June 15, 2024


Than a Food Fitter

Search ninja part 3: How to find unlisted YouTube videos with Google

4 min read

It’s not every day that you learn something new about a site you have visited multiple times almost daily for years now. Recently, I learned that YouTube now has unlisted videos. These are different from private videos that only allow 25 others with YouTube accounts to view them. These new unlisted videos piqued my curiosity, what with my near-obsessive desires to locate content that’s otherwise not meant for public consumption, so, naturally, I decided to look into it and seek to answer the one burning question in my mind: “How do I find these videos if they’re unlisted?” The search ninja will show you how!

To start, the primary value of these new unlisted videos is so a person can share a video with anyone of their choosing, yet have it not show up in YouTube search results.

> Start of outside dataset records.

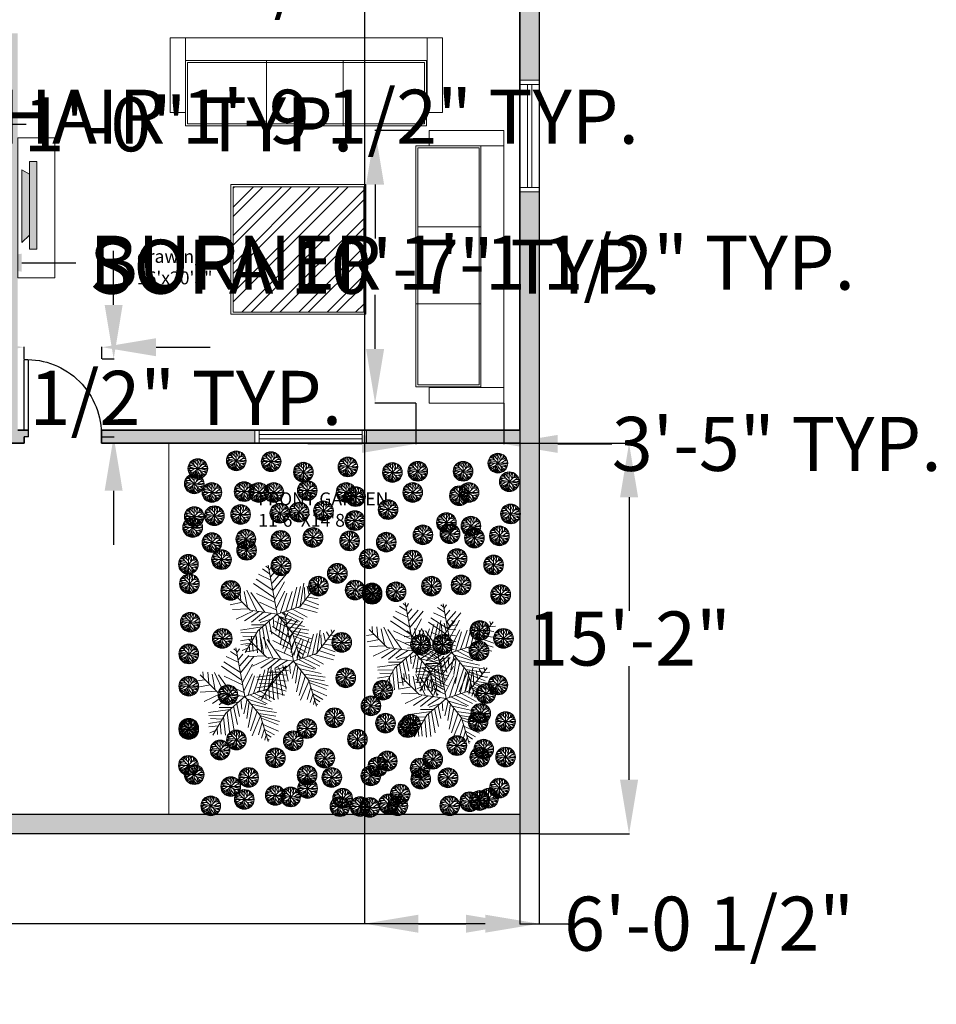
# Model space of a CAD drawing. Units: inches. Extents: x 23 to 3024, y 4 to 1405.
# Tile 4 of 7: x 2558 to 2985, y 497 to 955. Entities that reach past the tile are written whole.
import ezdxf

# ---------------------------------------------------------------- set-up
doc = ezdxf.new("R2010")
doc.units = ezdxf.units.IN
doc.header["$MEASUREMENT"] = 0
for name, color, linetype, lineweight in [('A-ANNO-DIMS', 2, 'Continuous', 18), ('A-DOOR', 4, 'Continuous', 25), ('A-EQPM', 8, 'Continuous', 18), ('A-EQPM-PATT', 7, 'Continuous', 13), ('A-WALL', 7, 'Continuous', 35), ('A-WALL-PATT', 189, 'Continuous', 13), ('C-PROP', 7, 'Continuous', 30), ('L-HRDS', 8, 'Continuous', 18), ('L-PLNT', 114, 'Continuous', 13)]:
    doc.layers.add(name, color=color, linetype=linetype, lineweight=lineweight)
for name, color, linetype, lineweight, true_color in [('A-AREA-IDEN', 30, 'Continuous', 18, 0xf8991e), ('A-FURN', 141, 'Continuous', 18, 0xadddf7), ('A-FURN-PATT', 215, 'Continuous', 13, 0xa953a0), ('A-GLAZ', 30, 'Continuous', 18, 0xf26722)]:
    doc.layers.add(name, color=color, linetype=linetype, lineweight=lineweight, true_color=true_color)
doc.styles.get("Standard").update_dxf_attribs({"font": 'arial.ttf'})
doc.dimstyles.get("Standard").update_dxf_attribs({"dimtxt": 25.18, "dimasz": 25.18, "dimexe": 0.18, "dimexo": 0.0625, "dimgap": 0.09, "dimtad": 0, "dimtih": 1, "dimtoh": 1, "dimdec": 0, "dimrnd": 10, "dimzin": 0, "dimdsep": 46, "dimlunit": 3, "dimtxsty": 'Standard', "dimcen": 0.09, "dimadec": 0, "dimazin": 0, "dimtfac": 1, "dimtdec": 0, "dimtofl": 0, "dimtmove": 0, "dimatfit": 3, "dimfxl": 1, "dimtolj": 1, "dimtzin": 0, "dimarcsym": 0})

# ---------------------------------------------------------------- blocks, each defined once
blk = doc.blocks.new('Tree - deciduous plan')
for p, q in [((2.426, 54.9406), (-1.4472, 59.9056)), ((0, 59.9996), (0, -60)), ((-59.7219, 2.8025), (-12.0106, 12.0565)), ((-32.2571, 20.6333), (-59.1937, 9.348)), ((-58.6656, 12.7336), (-35.9543, 7.5424)), ((-57.081, 17.9248), (-47.0458, 14.7649)), ((-56.0247, 20.859), (-20.8134, 20.859)), ((-54.7923, 24.4702), (-47.75, 21.0847)), ((-54.6162, -24.7335), (-20.2853, 0.0941)), ((-53.2078, 27.4044), (-40.1797, 20.859)), ((-49.8627, 32.8214), (-32.7853, 32.8214)), ((-45.8134, 38.2383), (-40.5318, 33.0471)), ((-43.8768, 36.4326), (-44.405, 40.2696)), ((42, 42), (-42, -42)), ((42, -42), (-42, 42)), ((-40.1797, 44.558), (-36.4825, 43.2038)), ((-37.0107, 47.0408), (-35.25, 35.5298)), ((-32.6092, 50.4264), (-23.2782, 23.5674)), ((-31.2008, 51.1035), (-0.2149, 20.1818)), ((-26.4472, 46.5894), (-26.2712, 53.8116)), ((-22.0458, 42.0753), (-16.5881, 57.6486)), ((-21.1656, 55.8436), (-0.0388, 45.0094)), ((-12.5388, 54.9406), (-7.9613, 59.4546)), ((-12.3627, 32.1443), (-12.5388, 58.7776)), ((-5.3205, 59.6806), (16.5105, 16.7963)), ((0.4894, 48.6208), (3.6584, 59.6806)), ((18.2711, 35.5298), (5.419, 59.6806)), ((9.8203, 51.5549), (12.8133, 58.5516)), ((19.6795, 19.5047), (16.3344, 57.6486)), ((17.0387, 51.1035), (23.2006, 55.1666)), ((17.7429, 43.6552), (25.4894, 54.2636)), ((54.3626, 25.3731), (20.9119, 0.3198)), ((23.3767, 23.3417), (53.3063, 27.4044)), ((29.3626, -6.6771), (59.4682, 7.091)), ((31.6513, 50.8778), (30.2429, 30.5643)), ((31.1232, 42.5267), (35.8767, 48.1693)), ((36.2288, 25.1474), (48.9049, 35.0784)), ((37.1091, 37.1098), (46.6161, 37.5612)), ((38.5175, 13.4107), (58.2359, 13.6364)), ((-60, 0), (60, 0)), ((-59.7219, -4.8714), (-54.2641, -6.6771)), ((-45.2853, -0.1316), (-59.0177, -10.0627)), ((-58.4895, -12.3197), (-36.4825, -11.6426)), ((-57.081, -18.4138), (-45.2853, -17.9624)), ((-52.6797, -18.188), (-55.4966, -22.0251)), ((-53.2078, -27.442), (-16.7641, -16.6081)), ((-38.9472, -29.0219), (-51.4472, -30.6018)), ((-47.2219, -19.3166), (-50.2148, -26.3135)), ((-46.5177, -30.1504), (-49.5106, -33.536)), ((-32.4331, -32.4075), (-48.1021, -35.5674)), ((-43.7008, -34.6645), (-46.6937, -37.373)), ((-35.9543, -22.4765), (-44.0529, -40.5329)), ((-24.6867, -37.8244), (-38.7712, -45.7241)), ((-26.2712, -43.9185), (-34.7219, -48.6583)), ((-19.9331, -20.2194), (-28.5599, -52.721)), ((-14.6515, -36.2445), (-27.6797, -52.9467)), ((-14.6515, -47.3041), (-25.0388, -54.3009)), ((-21.5177, -45.4984), (-19.9331, -56.1065)), ((-14.8275, -15.0282), (-14.6515, -57.6865)), ((-14.6515, -32.1818), (-3.912, -59.4922)), ((-8.4895, -47.5298), (-11.4825, -58.5893)), ((-10.074, -10.0627), (-2.5036, -59.7178)), ((-6.3768, -52.721), (-9.3698, -58.815)), ((-6.2008, -36.2445), (17.919, -57.0094)), ((-0.0388, -19.0909), (25.8415, -53.8495)), ((8.4119, -53.1724), (3.8344, -59.4922)), ((5.9471, -46.6269), (10.5246, -58.5893)), ((9.2922, -9.1598), (59.6443, -2.8401)), ((18.6232, -18.6394), (26.7218, -53.3981)), ((18.7992, -18.6394), (57.3556, -17.2853)), ((22.8485, -36.4702), (35.3485, -48.4326)), ((24.7852, -44.8213), (23.0246, -54.978)), ((26.3697, -18.4138), (58.9401, -9.8369)), ((30.419, -30.1504), (32.3556, -50.0125)), ((31.4753, -31.279), (49.6091, -33.3103)), ((38.1654, -18.188), (52.426, -29.0219)), ((41.5105, -32.6332), (46.088, -38.0501)), ((45.9119, -24.0564), (55.595, -22.2508))]:
    blk.add_line(p, q)
blk.add_circle((0, 0), 60)
blk = doc.blocks.new('*U8')
for p, q in [((-7.288, 39.707), (-21.778, 46.673)), ((-8.737, 47.138), (-17.069, 52.711)), ((-10.186, 53.64), (-13.084, 55.962)), ((0, 0), (-10.5, 57)), ((-9.099, 51.782), (-6.563, 55.962)), ((-7.65, 43.423), (-2.578, 49.46)), ((-5.839, 35.992), (4.667, 48.067)), ((-5.114, 27.632), (10.463, 46.673)), ((-3.665, 19.273), (-27.574, 35.527)), ((-5.114, 28.097), (-24.676, 40.636)), ((-2.941, 16.486), (8.652, 37.85)), ((27, 9), (48, 36)), ((27.127, 9.056), (31.112, 35.992)), ((44.153, 36.456), (45.239, 32.741)), ((-31.5, 4.5), (-52.5, 25.5)), ((-48.585, 21.131), (-49.309, 29.026)), ((-43.513, 28.561), (-42.427, 15.558)), ((-38.442, 26.239), (-34.819, 7.663)), ((-35.544, 28.097), (-24.314, 3.947)), ((-14.533, 2.09), (-30.834, 25.31)), ((-24.314, 23.917), (-2.941, 13.7)), ((-1.129, 6.734), (9.014, 26.704)), ((3.942, 1.625), (11.187, 24.381)), ((10.101, 3.483), (17.708, 26.239)), ((16.259, 5.805), (23.142, 31.348)), ((22.055, 7.198), (27.489, 32.277)), ((31.836, 30.883), (32.561, 16.486)), ((35.096, 32.741), (37.27, 22.524)), ((38.719, 34.134), (41.979, 28.561)), ((40.53, 25.775), (48.862, 24.846)), ((43.791, 29.954), (51.036, 30.883)), ((-47.498, 19.737), (-55.83, 18.344)), ((-40.615, 13.7), (-55.105, 10.913)), ((-20.691, 13.7), (-1.129, 4.876)), ((29.662, 12.307), (48.137, 6.269)), ((33.285, 16.486), (48.862, 10.913)), ((36.183, 19.737), (48.137, 17.88)), ((-33.37, 6.269), (-52.207, 5.34)), ((-28.299, 3.483), (-47.86, -5.805)), ((-21.416, 3.018), (-38.079, -8.128)), ((0, 0), (-31.5, 4.5)), ((-15.982, 2.09), (-30.11, -9.521)), ((0, 0), (-22.5, -19.5)), ((-6.563, 1.161), (-21.416, -8.128)), ((0, 0), (27, 9)), ((0, 0), (18, -22.5)), ((6.478, 1.625), (26.04, -8.592)), ((11.187, 3.483), (30.749, -5.805)), ((18.07, 5.805), (35.096, -3.483)), ((24.229, 7.663), (46.688, 1.625)), ((-6.563, -5.805), (-19.967, -9.985)), ((-13.446, -11.378), (-8.737, -32.741)), ((-9.461, -8.592), (-6.201, -23.453)), ((-4.752, -3.483), (-3.665, -14.629)), ((2.493, -3.019), (-1.491, -20.202)), ((1.769, -2.555), (24.229, -9.521)), ((5.029, -6.27), (2.131, -25.775)), ((9.014, -11.378), (3.58, -35.992)), ((7.565, -9.056), (32.198, -14.629)), ((-17.431, -15.094), (-42.789, -18.809)), ((-24.314, -21.596), (-42.427, -22.06)), ((-22.5, -19.5), (-37.5, -45)), ((-15.257, -12.772), (-30.11, -12.772)), ((-20.691, -18.345), (-17.793, -44.352)), ((-17.069, -15.094), (-12.721, -40.172)), ((14.085, -16.951), (6.478, -40.172)), ((18.07, -22.524), (8.289, -45.745)), ((12.274, -15.094), (36.907, -18.809)), ((16.259, -19.738), (36.183, -22.989)), ((18, -22.5), (27, -52.5)), ((18.433, -22.524), (40.53, -29.026)), ((-28.299, -29.026), (-42.789, -31.348)), ((-30.834, -34.135), (-42.427, -35.528)), ((-26.849, -26.24), (-40.253, -25.775)), ((-29.023, -30.884), (-27.936, -43.887)), ((-25.038, -23.918), (-22.865, -45.281)), ((20.244, -30.419), (15.897, -44.816)), ((19.157, -25.311), (38.719, -33.206)), ((21.331, -32.741), (39.081, -40.636)), ((-34.457, -39.708), (-40.978, -42.494)), ((-32.646, -36.921), (-31.921, -44.352)), ((22.78, -37.85), (19.519, -48.532)), ((22.78, -38.314), (34.372, -44.816)), ((24.591, -45.745), (23.142, -50.854)), ((24.591, -43.423), (30.749, -47.603)), ((26.764, -49.925), (28.213, -50.854))]:
    blk.add_line(p, q)
blk = doc.blocks.new('DOOR-SWING-36IN')
for p, q in [((-1, -1), (-1, 35)), ((1, 2), (1, 35)), ((-1, -1), (1, -1))]:
    blk.add_line(p, q)
blk.add_arc((0, 0), 35.01, 88.3634, 181.6366)
blk = doc.blocks.new('WINDOW-48IN')
for p, q in [((9, 52), (0, 52)), ((9, 50), (0, 50)), ((3.5, 2), (3.5, 50)), ((5.5, 2), (5.5, 50)), ((9, 2), (0, 2)), ((9, 0), (0, 0))]:
    blk.add_line(p, q)
blk = doc.blocks.new('SOFA-THREE-SEAT')
for p, q in [((44.91, 30.29), (44.91, 0.86)), ((80.71, 30.29), (80.71, 0))]:
    blk.add_line(p, q)
for points in [[(7.2, 40.92), (0, 40.92), (0, 6.21), (7.2, 6.21)], [(7.2, 30.29), (119.76, 30.29), (119.76, 40.92), (7.2, 40.92)], [(126.96, 40.92), (119.76, 40.92), (119.76, 6.21), (126.96, 6.21)], [(7.2, 30.29), (119.4, 30.29), (119.4, 0), (7.2, 0)], [(8.06, 29.42), (118.53, 29.42), (118.53, 0.86), (8.06, 0.86)]]:
    blk.add_lwpolyline(points, close=True)
blk = doc.blocks.new('*D21')
at = {"layer": 'A-ANNO-DIMS', "color": 0, "lineweight": -2, "transparency": 16777216}
for p, q in [((2449.18, 913.2), (2449.18, 909.84)), ((2470.74, 913.2), (2470.74, 909.84)), ((2424, 910.02), (2398.82, 910.02)), ((2495.92, 910.02), (2521.1, 910.02))]:
    blk.add_line(p, q, dxfattribs=at)
at = {"layer": 'A-ANNO-DIMS', "color": 0, "transparency": 16777216}
for points in [[(2424, 914.22), (2424, 905.83), (2449.18, 910.02)], [(2495.92, 914.22), (2495.92, 905.83), (2470.74, 910.02)]]:
    blk.add_solid(points, dxfattribs=at)
at = {"layer": 'Defpoints', "color": 0, "transparency": 16777216}
for p in [(2449.18, 913.26), (2470.74, 913.26), (2470.74, 910.02)]:
    blk.add_point(p, dxfattribs=at)
at = {"layer": 'A-ANNO-DIMS', "color": 0, "transparency": 16777216, "insert": (2686.74, 910.02), "char_height": 25.18, "attachment_point": 5}
blk.add_mtext('\\A1;CHAIR 1\'-9 1/2" TYP.', dxfattribs=at)
blk = doc.blocks.new('*D22')
at = {"layer": 'A-ANNO-DIMS', "color": 0, "lineweight": -2, "transparency": 16777216}
for p, q in [((2473.98, 956.88), (2473.98, 982.06)), ((2473.98, 982.06), (2499.16, 982.06)), ((2470.81, 931.7), (2474.16, 931.7)), ((2470.81, 913.26), (2474.16, 913.26)), ((2473.98, 888.08), (2473.98, 862.9))]:
    blk.add_line(p, q, dxfattribs=at)
at = {"layer": 'A-ANNO-DIMS', "color": 0, "transparency": 16777216}
for points in [[(2469.78, 956.88), (2478.17, 956.88), (2473.98, 931.7)], [(2469.78, 888.08), (2478.17, 888.08), (2473.98, 913.26)]]:
    blk.add_solid(points, dxfattribs=at)
at = {"layer": 'Defpoints', "color": 0, "transparency": 16777216}
for p in [(2470.74, 931.7), (2473.98, 931.7), (2470.74, 913.26)]:
    blk.add_point(p, dxfattribs=at)
at = {"layer": 'A-ANNO-DIMS', "color": 0, "transparency": 16777216, "insert": (2604.14, 982.06), "char_height": 25.18, "attachment_point": 5}
blk.add_mtext('\\A1;1\'-6 1/2" TYP.', dxfattribs=at)
blk = doc.blocks.new('*D23')
at = {"layer": 'A-ANNO-DIMS', "color": 0, "lineweight": -2, "transparency": 16777216}
for p, q in [((2560.45, 797.26), (2560.45, 802.82)), ((2596.72, 797.26), (2596.72, 802.82)), ((2535.27, 802.64), (2510.09, 802.64)), ((2621.9, 802.64), (2647.08, 802.64))]:
    blk.add_line(p, q, dxfattribs=at)
at = {"layer": 'A-ANNO-DIMS', "color": 0, "transparency": 16777216}
for points in [[(2535.27, 806.84), (2535.27, 798.45), (2560.45, 802.64)], [(2621.9, 806.84), (2621.9, 798.45), (2596.72, 802.64)]]:
    blk.add_solid(points, dxfattribs=at)
at = {"layer": 'Defpoints', "color": 0, "transparency": 16777216}
for p in [(2560.45, 802.64), (2560.45, 797.2), (2596.72, 797.2)]:
    blk.add_point(p, dxfattribs=at)
at = {"layer": 'A-ANNO-DIMS', "color": 0, "transparency": 16777216, "insert": (2346.9, 802.64), "char_height": 25.18, "attachment_point": 5}
blk.add_mtext('\\A1;DOOR 3\'-0 1/2" TYP.', dxfattribs=at)
blk = doc.blocks.new('*D24')
at = {"layer": 'A-ANNO-DIMS', "color": 0, "lineweight": -2, "transparency": 16777216}
for p, q in [((2602.17, 822.38), (2602.17, 847.56)), ((2596.79, 797.2), (2602.35, 797.2)), ((2596.79, 760.93), (2602.35, 760.93)), ((2602.17, 735.75), (2602.17, 710.57))]:
    blk.add_line(p, q, dxfattribs=at)
at = {"layer": 'A-ANNO-DIMS', "color": 0, "transparency": 16777216}
for points in [[(2597.97, 822.38), (2606.36, 822.38), (2602.17, 797.2)], [(2597.97, 735.75), (2606.36, 735.75), (2602.17, 760.93)]]:
    blk.add_solid(points, dxfattribs=at)
at = {"layer": 'Defpoints', "color": 0, "transparency": 16777216}
for p in [(2596.72, 797.2), (2602.17, 797.2), (2596.72, 760.93)]:
    blk.add_point(p, dxfattribs=at)
at = {"layer": 'A-ANNO-DIMS', "color": 0, "transparency": 16777216, "insert": (2602.17, 779.06), "char_height": 25.18, "attachment_point": 5}
blk.add_mtext('\\A1;3\'-0 1/2" TYP.', dxfattribs=at)
blk = doc.blocks.new('*D31')
at = {"layer": 'A-ANNO-DIMS', "color": 0, "lineweight": -2, "transparency": 16777216}
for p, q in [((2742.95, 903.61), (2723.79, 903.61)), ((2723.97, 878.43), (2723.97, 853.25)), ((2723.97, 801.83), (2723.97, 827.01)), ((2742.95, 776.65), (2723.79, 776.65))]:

You can read more about them from YouTube’s unlisted video help page, but the way I found out about this whole thing in the first place was purely by accident. Long story short, I read an article that had a YouTube video embedded in it. Although I could watch the video there, I decided to click-through to see it on YouTube’s site and read any comments below the video. Lo and behold, I was greeted with the following message above the video:

This video is unlisted. Only those with the link can see it.

Immediately upon seeing that message, I went to Google and performed the following search: site:youtube.com “This video is unlisted. Only those with the link can see it”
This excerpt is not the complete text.